Claiming Our Birthright
The Bioethics Bulletins
Jackie Schmidt, Search Consultant, Parent Finders
Edmonton, Alberta

1995

When compared to those held 40-50 years ago, societal values have shifted to support the rights of adoptees to access information about their biological backgrounds. This was clearly evidenced when the Alberta Government held Public Hearings on "Access to Adoption Information" in the Fall of 1993. The 21 hearings held throughout Alberta showed overwhelming support by approximately 88% of those in attendance to open the adoption records. The supporters felt that adult adoptees, adoptive parents, and birth parents should all have access to the identifying information held in "sealed" adoption files.

The arguments favouring access to adoption file information centre around the "contract," birthrights, and "validation of beingness." The "contract," better known as the "Adoption Order," has long been a thorny issue for adoptees who never agreed to this legally binding document which forever severed their biological connections. Who in their right mind would agree to wipe out their own past so completely? It is no wonder then, that adoptees feel it is their right to access information about themselves, given that they had no say in the decision to excise their pasts. Unlike the non-adopted, the adoptee can never go to a Vital Statistic office and obtain their long form birth certificate. The original document is in a sealed file and the only birth certificate they can obtain is a "legal forgery" - yet another reminder that their rights are being infringed upon.

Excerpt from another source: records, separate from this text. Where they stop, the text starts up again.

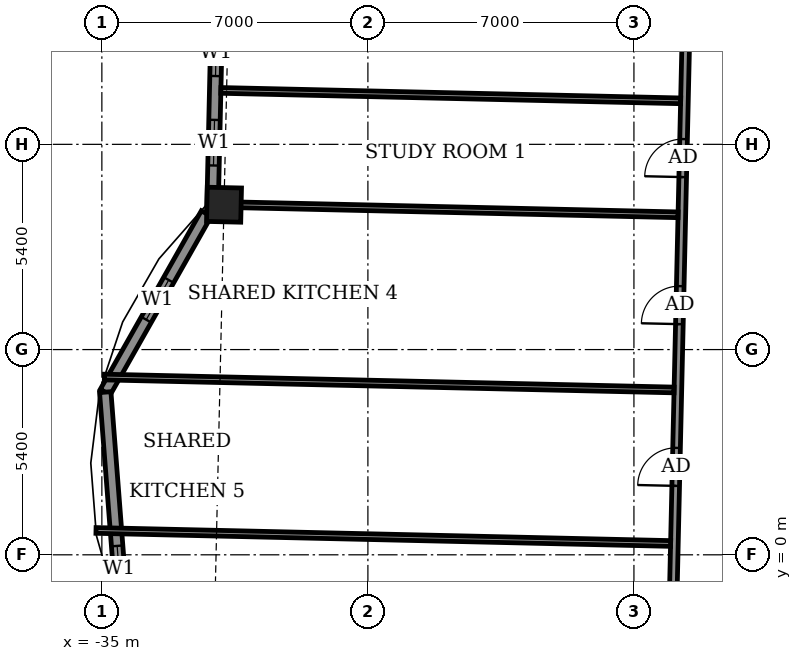
"""IFC4 building model, lengths in metres.
Left out: names, types, materials, properties, quantities, classifications, styles, units other than length and angle.
Written with IfcOpenShell. Run it as: python <this file> out.ifc"""

import sys

from ifc_helpers import new_model, si_unit, direction, frame, frame_2d, origin, origin_2d, place, context, subcontext, project, spatial, rectangle, extrude, element, fill, save


model = new_model("IFC4")
c1 = context("Model", 3, precision=1e-05, world=origin(), true_north=direction((0.0, 1.0)))
c2 = subcontext(c1, "Body", "Model", "MODEL_VIEW")
j1 = project(units=[si_unit("LENGTHUNIT", "METRE"), si_unit("PLANEANGLEUNIT", "RADIAN")], contexts=[c1])
p1 = place(None, origin())
s1 = spatial("IfcSite", under=j1, at=p1, CompositionType="ELEMENT")
p2 = place(p1, origin())
s2 = spatial("IfcBuilding", under=s1, at=p2, CompositionType="ELEMENT")
p3 = place(p2, frame((0.0, 0.0, 313.3)))
s3 = spatial("IfcBuildingStorey", under=s2, at=p3, CompositionType="ELEMENT", Elevation=313.3)
p4 = place(p3, frame((-31.786, 9.212, -0.55), z_axis=(0.0, 0.0, 1.0), x_axis=(-0.022680668131, -0.999742760561, 0.0)))
e1 = element("IfcColumn", 1, at=p4, inside=s3, PredefinedType="COLUMN", context=c2, shape_type="SweptSolid", body=[
    extrude(rectangle(XDim=0.9, YDim=0.9, at=origin_2d()), origin(), (0.0, 0.0, 1.0), 3.6),
])
p5 = place(p3, frame((-31.735, 24.69, 0.0), z_axis=(0.0, 0.0, 1.0), x_axis=(-0.022694199758, -0.999742453484, 0.0)))
e2 = element("IfcWall", 2, at=p5, inside=s3, PredefinedType="SOLIDWALL", context=c2, shape_type="SweptSolid", body=[
    extrude(rectangle(XDim=15.9, YDim=0.3, at=frame_2d((7.95, 0.0))), origin(), (0.0, 0.0, 1.0), 2.55),
])
p6 = place(p5, frame((1.953, 0.0, 0.0)))
e3 = element("IfcOpeningElement", 3, at=p6, cuts=e2, PredefinedType="OPENING", context=c2, shape_type="SweptSolid", body=[
    extrude(rectangle(XDim=1.5, YDim=2.4, at=frame_2d((0.75, 1.2))), frame((0.0, 0.16, 0.0), z_axis=(0.0, -1.0, 0.0), x_axis=(1.0, 0.0, 0.0)), (0.0, 0.0, 1.0), 0.32),
])
p7 = place(p5, frame((10.896, 0.0, 0.9)))
e4 = element("IfcOpeningElement", 4, at=p7, cuts=e2, PredefinedType="OPENING", context=c2, shape_type="SweptSolid", body=[
    extrude(rectangle(XDim=1.2, YDim=1.5, at=frame_2d((0.6, 0.75))), frame((0.0, 0.16, 0.0), z_axis=(0.0, -1.0, 0.0), x_axis=(1.0, 0.0, 0.0)), (0.0, 0.0, 1.0), 0.32),
])
p8 = place(p5, frame((13.25, 0.0, 0.9)))
e5 = element("IfcOpeningElement", 5, at=p8, cuts=e2, PredefinedType="OPENING", context=c2, shape_type="SweptSolid", body=[
    extrude(rectangle(XDim=1.2, YDim=1.5, at=frame_2d((0.6, 0.75))), frame((0.0, 0.16, 0.0), z_axis=(0.0, -1.0, 0.0), x_axis=(1.0, 0.0, 0.0)), (0.0, 0.0, 1.0), 0.32),
])
p9 = place(p3, frame((-32.252, 8.978, 0.0), z_axis=(0.0, 0.0, 1.0), x_axis=(-0.492554919955, -0.870281363025, 0.0)))
e6 = element("IfcWall", 6, at=p9, inside=s3, PredefinedType="SOLIDWALL", context=c2, shape_type="SweptSolid", body=[
    extrude(rectangle(XDim=5.398, YDim=0.3, at=frame_2d((2.699, 0.0))), origin(), (0.0, 0.0, 1.0), 3.05),
])
p10 = place(p9, frame((2.008, 0.0, 0.9)))
e7 = element("IfcOpeningElement", 7, at=p10, cuts=e6, PredefinedType="OPENING", context=c2, shape_type="SweptSolid", body=[
    extrude(rectangle(XDim=1.2, YDim=1.5, at=frame_2d((0.6, 0.75))), frame((0.0, 0.16, 0.0), z_axis=(0.0, -1.0, 0.0), x_axis=(1.0, 0.0, 0.0)), (0.0, 0.0, 1.0), 0.32),
])
p11 = place(p3, frame((-34.911, 4.28, 0.0), z_axis=(0.0, 0.0, 1.0), x_axis=(0.077135284219, -0.997020635658, 0.0)))
e8 = element("IfcWall", 8, at=p11, inside=s3, PredefinedType="SOLIDWALL", context=c2, shape_type="SweptSolid", body=[
    extrude(rectangle(XDim=5.574, YDim=0.3, at=frame_2d((2.787, 0.0))), origin(), (0.0, 0.0, 1.0), 3.05),
])
p12 = place(p11, frame((4.058, 0.0, 0.9)))
e9 = element("IfcOpeningElement", 9, at=p12, cuts=e8, PredefinedType="OPENING", context=c2, shape_type="SweptSolid", body=[
    extrude(rectangle(XDim=1.2, YDim=1.5, at=frame_2d((0.6, 0.75))), frame((0.0, 0.16, 0.0), z_axis=(0.0, -1.0, 0.0), x_axis=(1.0, 0.0, 0.0)), (0.0, 0.0, 1.0), 0.32),
])
p13 = place(p3, frame((-34.78, 12.406, 0.0), z_axis=(0.0, 0.0, 1.0), x_axis=(0.022828630714, 0.999739392852, 0.0)))
e10 = element("IfcWall", 10, at=p13, inside=s3, PredefinedType="USERDEFINED", context=c2, shape_type="SweptSolid", body=[
    extrude(rectangle(XDim=6.0, YDim=0.55, at=frame_2d((3.0, 0.0))), origin(), (0.0, 0.0, 1.0), 0.8),
])
p14 = place(p3, frame((-20.216, -12.081, 0.0), z_axis=(0.0, 0.0, 1.0), x_axis=(0.02267447203, 0.999742901109, 0.0)))
e11 = element("IfcWall", 11, at=p14, inside=s3, PredefinedType="PARTITIONING", context=c2, shape_type="SweptSolid", body=[
    extrude(rectangle(XDim=27.65, YDim=0.2, at=frame_2d((13.825, 0.0))), origin(), (0.0, 0.0, 1.0), 3.05),
])
p15 = place(p14, frame((22.025, 0.0, 0.0)))
e12 = element("IfcOpeningElement", 12, at=p15, cuts=e11, PredefinedType="OPENING", context=c2, shape_type="SweptSolid", body=[
    extrude(rectangle(XDim=1.0, YDim=2.1, at=frame_2d((0.5, 1.05))), frame((0.0, 0.11, 0.0), z_axis=(0.0, -1.0, 0.0), x_axis=(1.0, 0.0, 0.0)), (0.0, 0.0, 1.0), 0.22),
])
p16 = place(p14, frame((18.155, 0.0, 0.0)))
e13 = element("IfcOpeningElement", 13, at=p16, cuts=e11, PredefinedType="OPENING", context=c2, shape_type="SweptSolid", body=[
    extrude(rectangle(XDim=1.0, YDim=2.1, at=frame_2d((0.5, 1.05))), frame((0.0, 0.11, 0.0), z_axis=(0.0, -1.0, 0.0), x_axis=(1.0, 0.0, 0.0)), (0.0, 0.0, 1.0), 0.22),
])
p17 = place(p14, frame((13.898, 0.0, 0.0)))
e14 = element("IfcOpeningElement", 14, at=p17, cuts=e11, PredefinedType="OPENING", context=c2, shape_type="SweptSolid", body=[
    extrude(rectangle(XDim=1.0, YDim=2.1, at=frame_2d((0.5, 1.05))), frame((0.0, 0.11, 0.0), z_axis=(0.0, -1.0, 0.0), x_axis=(1.0, 0.0, 0.0)), (0.0, 0.0, 1.0), 0.22),
])
p18 = place(p14, frame((9.405, 0.0, 0.0)))
e15 = element("IfcOpeningElement", 15, at=p18, cuts=e11, PredefinedType="OPENING", context=c2, shape_type="SweptSolid", body=[
    extrude(rectangle(XDim=1.0, YDim=2.1, at=frame_2d((0.5, 1.05))), frame((0.0, 0.11, 0.0), z_axis=(0.0, -1.0, 0.0), x_axis=(1.0, 0.0, 0.0)), (0.0, 0.0, 1.0), 0.22),
])
p19 = place(p14, frame((5.837, 0.0, 0.0)))
e16 = element("IfcOpeningElement", 16, at=p19, cuts=e11, PredefinedType="OPENING", context=c2, shape_type="SweptSolid", body=[
    extrude(rectangle(XDim=1.0, YDim=2.1, at=frame_2d((0.5, 1.05))), frame((0.0, 0.11, 0.0), z_axis=(0.0, -1.0, 0.0), x_axis=(1.0, 0.0, 0.0)), (0.0, 0.0, 1.0), 0.22),
])
p20 = place(p14, frame((3.75, 0.0, 0.0)))
e17 = element("IfcOpeningElement", 17, at=p20, cuts=e11, PredefinedType="OPENING", context=c2, shape_type="SweptSolid", body=[
    extrude(rectangle(XDim=0.9, YDim=2.1, at=frame_2d((0.45, 1.05))), frame((0.0, 0.11, 0.0), z_axis=(0.0, -1.0, 0.0), x_axis=(1.0, 0.0, 0.0)), (0.0, 0.0, 1.0), 0.22),
])
p21 = place(p3, frame((-35.154, 0.641, 0.0), z_axis=(0.0, 0.0, 1.0), x_axis=(0.99974273487, -0.022681800518, 0.0)))
e18 = element("IfcWall", 18, at=p21, inside=s3, PredefinedType="PARTITIONING", context=c2, shape_type="SweptSolid", body=[
    extrude(rectangle(XDim=15.123, YDim=0.15, at=frame_2d((7.562, 0.0))), origin(), (0.0, 0.0, 1.0), 2.05),
])
p22 = place(p3, frame((-34.934, 4.677, 0.0), z_axis=(0.0, 0.0, 1.0), x_axis=(0.99974273422, -0.022681829163, 0.0)))
e19 = element("IfcWall", 19, at=p22, inside=s3, PredefinedType="PARTITIONING", context=c2, shape_type="SweptSolid", body=[
    extrude(rectangle(XDim=14.994, YDim=0.15, at=frame_2d((7.497, 0.0))), origin(), (0.0, 0.0, 1.0), 2.05),
])
p23 = place(p3, frame((-31.936, 9.22, 0.0), z_axis=(0.0, 0.0, 1.0), x_axis=(0.9997437175, -0.02263844782, 0.0)))
e20 = element("IfcWall", 20, at=p23, inside=s3, PredefinedType="PARTITIONING", context=c2, shape_type="SweptSolid", body=[
    extrude(rectangle(XDim=12.1, YDim=0.15, at=frame_2d((6.05, 0.0))), origin(), (0.0, 0.0, 1.0), 3.05),
])
p24 = place(p3, frame((-31.868, 12.219, 0.0), z_axis=(0.0, 0.0, 1.0), x_axis=(0.9997437175, -0.02263844782, 0.0)))
e21 = element("IfcWall", 21, at=p24, inside=s3, PredefinedType="PARTITIONING", context=c2, shape_type="SweptSolid", body=[
    extrude(rectangle(XDim=12.1, YDim=0.15, at=frame_2d((6.05, 0.0))), origin(), (0.0, 0.0, 1.0), 2.55),
])
p25 = place(p7, origin())
e22 = element("IfcWindow", 22, at=p25, inside=s3, PartitioningType="SINGLE_PANEL", PredefinedType="WINDOW", context=c2, shape_type="SweptSolid", body=[
    extrude(rectangle(XDim=1.2, YDim=1.5, at=frame_2d((0.6, 0.75))), frame((0.0, 0.03, 0.0), z_axis=(0.0, -1.0, 0.0), x_axis=(1.0, 0.0, 0.0)), (0.0, 0.0, 1.0), 0.06),
])
fill(e4, e22)
p26 = place(p8, origin())
e23 = element("IfcWindow", 23, at=p26, inside=s3, PartitioningType="SINGLE_PANEL", PredefinedType="WINDOW", context=c2, shape_type="SweptSolid", body=[
    extrude(rectangle(XDim=1.2, YDim=1.5, at=frame_2d((0.6, 0.75))), frame((0.0, 0.03, 0.0), z_axis=(0.0, -1.0, 0.0), x_axis=(1.0, 0.0, 0.0)), (0.0, 0.0, 1.0), 0.06),
])
fill(e5, e23)
p27 = place(p10, origin())
e24 = element("IfcWindow", 24, at=p27, inside=s3, PartitioningType="SINGLE_PANEL", PredefinedType="WINDOW", context=c2, shape_type="SweptSolid", body=[
    extrude(rectangle(XDim=1.2, YDim=1.5, at=frame_2d((0.6, 0.75))), frame((0.0, 0.03, 0.0), z_axis=(0.0, -1.0, 0.0), x_axis=(1.0, 0.0, 0.0)), (0.0, 0.0, 1.0), 0.06),
])
fill(e7, e24)
p28 = place(p12, origin())
e25 = element("IfcWindow", 25, at=p28, inside=s3, PartitioningType="SINGLE_PANEL", PredefinedType="WINDOW", context=c2, shape_type="SweptSolid", body=[
    extrude(rectangle(XDim=1.2, YDim=1.5, at=frame_2d((0.6, 0.75))), frame((0.0, 0.03, 0.0), z_axis=(0.0, -1.0, 0.0), x_axis=(1.0, 0.0, 0.0)), (0.0, 0.0, 1.0), 0.06),
])
fill(e9, e25)
p29 = place(p15, origin())
e26 = element("IfcDoor", 26, at=p29, inside=s3, OperationType="SINGLE_SWING_RIGHT", PredefinedType="DOOR", context=c2, shape_type="SweptSolid", body=[
    extrude(rectangle(XDim=1.0, YDim=2.1, at=frame_2d((0.5, 1.05))), frame((0.0, 0.025, 0.0), z_axis=(0.0, -1.0, 0.0), x_axis=(1.0, 0.0, 0.0)), (0.0, 0.0, 1.0), 0.05),
])
fill(e12, e26)
p30 = place(p16, origin())
e27 = element("IfcDoor", 27, at=p30, inside=s3, OperationType="SINGLE_SWING_LEFT", PredefinedType="DOOR", context=c2, shape_type="SweptSolid", body=[
    extrude(rectangle(XDim=1.0, YDim=2.1, at=frame_2d((0.5, 1.05))), frame((0.0, 0.025, 0.0), z_axis=(0.0, -1.0, 0.0), x_axis=(1.0, 0.0, 0.0)), (0.0, 0.0, 1.0), 0.05),
])
fill(e13, e27)
p31 = place(p17, origin())
e28 = element("IfcDoor", 28, at=p31, inside=s3, OperationType="SINGLE_SWING_RIGHT", PredefinedType="DOOR", context=c2, shape_type="SweptSolid", body=[
    extrude(rectangle(XDim=1.0, YDim=2.1, at=frame_2d((0.5, 1.05))), frame((0.0, 0.025, 0.0), z_axis=(0.0, -1.0, 0.0), x_axis=(1.0, 0.0, 0.0)), (0.0, 0.0, 1.0), 0.05),
])
fill(e14, e28)
save(model, sys.argv[1])

Basic birthrights for every child are included in the UN Convention on the Rights of the Child. Article 8 ensures: "... respect [for] the right of the child to preserve his or her identity, including nationality, name and family relations... without unlawful interference." Many adoptees are made to feel that "the child" excludes "adopted child."

This brings us to the next argument - validation of beingness. Every piece of Welfare Legislation states that upon adoption "the child ceases to be the child of its biological parents, and becomes the child of the adoptive parents." How can a child cease to be a child of its biological family? Biologically, it is impossible - but legally, it is possible. It is very difficult for adoptees to acknowledge beingness when all their biological history has been legally severed. Most adoptees, at some time in their lives, suffer feelings of alienation, abandonment, and emptiness, all because a part of themselves is missing - the biological connection. These feelings have been called the "Primal Wound" by adoption therapist and clinical psychologist Nancy Newton Verrier. A feeling of not being able to adapt to change, attachment and bonding difficulties, low self-esteem, emptiness, and being a perpetual "child" are all effects of this early separation from the birth mother. To resolve their feelings, those affected by the Primal Wound must know more about themselves - and that can only be accomplished by accessing their biological information and/or meeting their birth families. Reunion with the biological family is a bonus, but reunion relationships are not always possible. Even if an adoptee is rejected by the birth family, having the information is still better than not knowing anything at all.

There is a popular myth regarding adoption: A poor woman could not keep her child; this poor child would have no family; a poor family could not have children of their own; and adoption solved all three problems at once. Society has been "myth-led." Adoption was instituted to protect children, not adoptive parents, and not birth parents. The stigma of illegitimacy and bastardness was not to be conferred on any child, and adoption was supposed to remedy that by keeping the "best interest of the child" at the forefront. Protecting the child was such a concern, that no thought was given to that child becoming an adult someday, and wanting to know about his or her history, roots, and heritage. Society is at last recognizing that "best interest" consideration should have included allowing access to identifying biological information to adult adoptees.

Today more and more private adoptions are arranged as "open adoptions," where the adopting family and birth family know each other and maintain contact with each other as the child grows up. This makes the strain of surrendering a child easier to accept for the birth mother, eases the adoptive parents' concerns about their child's background, and leaves a door opened, rather than locked, for the adoptee to access information in the future.

We are seeing results from pressure being put on provincial governments across Canada. At last, slow changes are making access to identifying information possible on closed adoptions. The argument of verbal promises of anonymity made to birth mothers is being outweighed by moral obligations to allow adoptees access to the biological information as a birthright. The governments of the 90's are finally starting to consider their obligations to the "best interest of the adoptees" - that is to provide them with the key to their futures by unlocking their pasts.